Speaker
Description
Transformers are becoming increasingly popular in fields such as natural language processing, speech processing, and computer vision. However, due to the high memory bandwidth and power requirements of Transformers, contemporary hardware is gradually unable to keep pace with the trend of larger models. To improve hardware efficiency and increase throughput and reduce latency, there has been a shift towards using FPGAs to implement existing Transformer algorithms. Compared to GPUs, FPGAs offer more on-chip Block RAM, allowing for the deployment of more medium-sized models for acceleration on FPGAs. However, as input sequences grow longer, larger buffers are needed on the FPGA to temporarily store these long sequences. Therefore, this paper proposes using Flash Attention within a blocked computation flow architecture to reduce the usage of Attention in Block RAM and its bandwidth requirements.
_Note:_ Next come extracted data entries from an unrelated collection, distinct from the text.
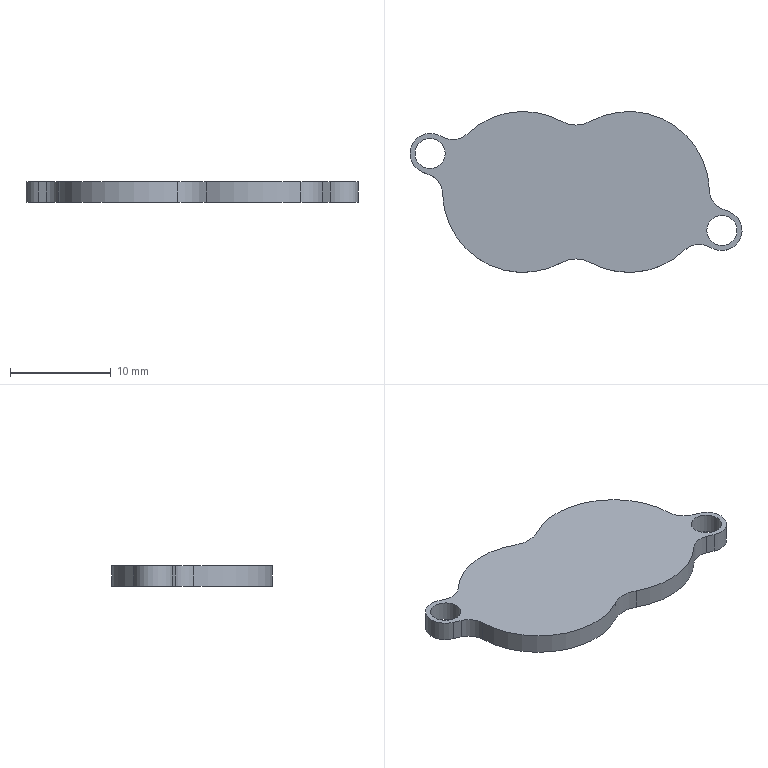Component | NX | SMALL_COVER | 1 solid | 20 faces | volume 748 mm3 | cylinder 14 | plane 6 | commonest cylinder face diameters 4 x6 16 x4 6 x2 3 x2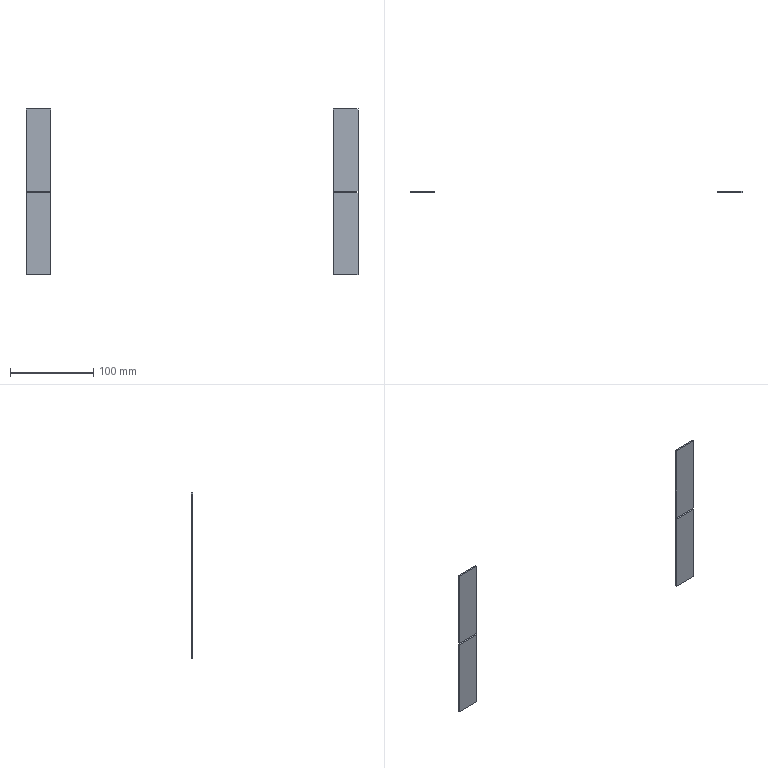Component | NX | DATUM | 4 solids | 24 faces | volume 23748 mm3 | plane 24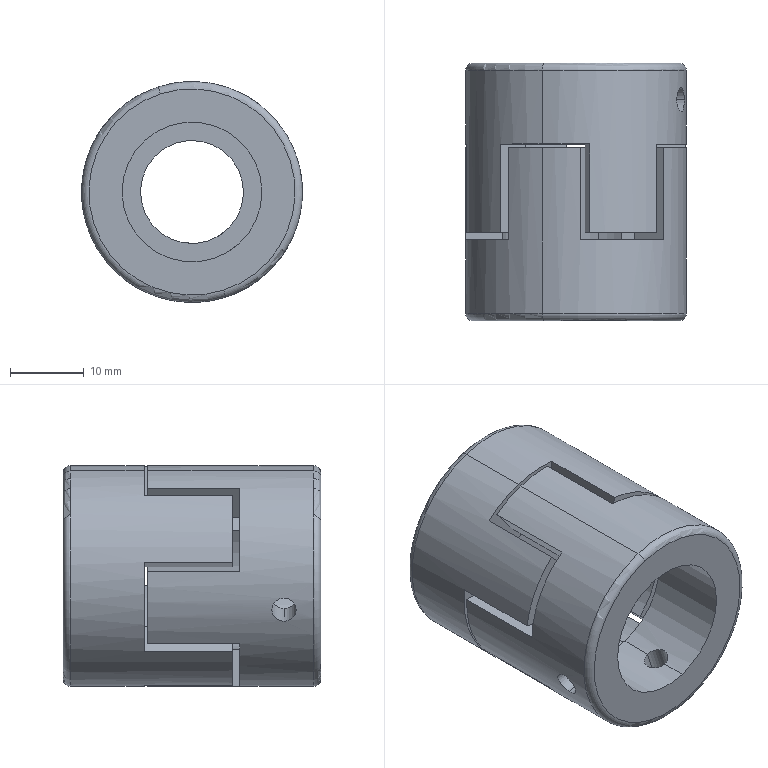Component | SolidWorks | Coupling_XF5-30-14-10-1 | 2 solids | 57 faces | volume 14743 mm3 | plane 28 | cylinder 25 | torus 4 | commonest cylinder face diameters 20 x9 3.3 x8 30 x4 14 x2 19 x2

Nonetheless, due to the necessity of using more Block RAM to store QKV instead of accessing HBM, designs often struggle to complete Place\&Route. As a solution, before the hardware synthesis compilation stage, an optimized mixed precision configuration is derived using post-training quantized models along with a Block RAM estimator in conjunction with a simulated annealing method. This approach not only significantly reduces the design period, but also allows for a reduction of Block RAM utilization by approximately 20%~40% without substantially affecting accuracy. When implementing Transformer-related algorithms on FPGAs using high-level synthesis techniques, power efficiency can be improved by 61%~321% compared to other studies.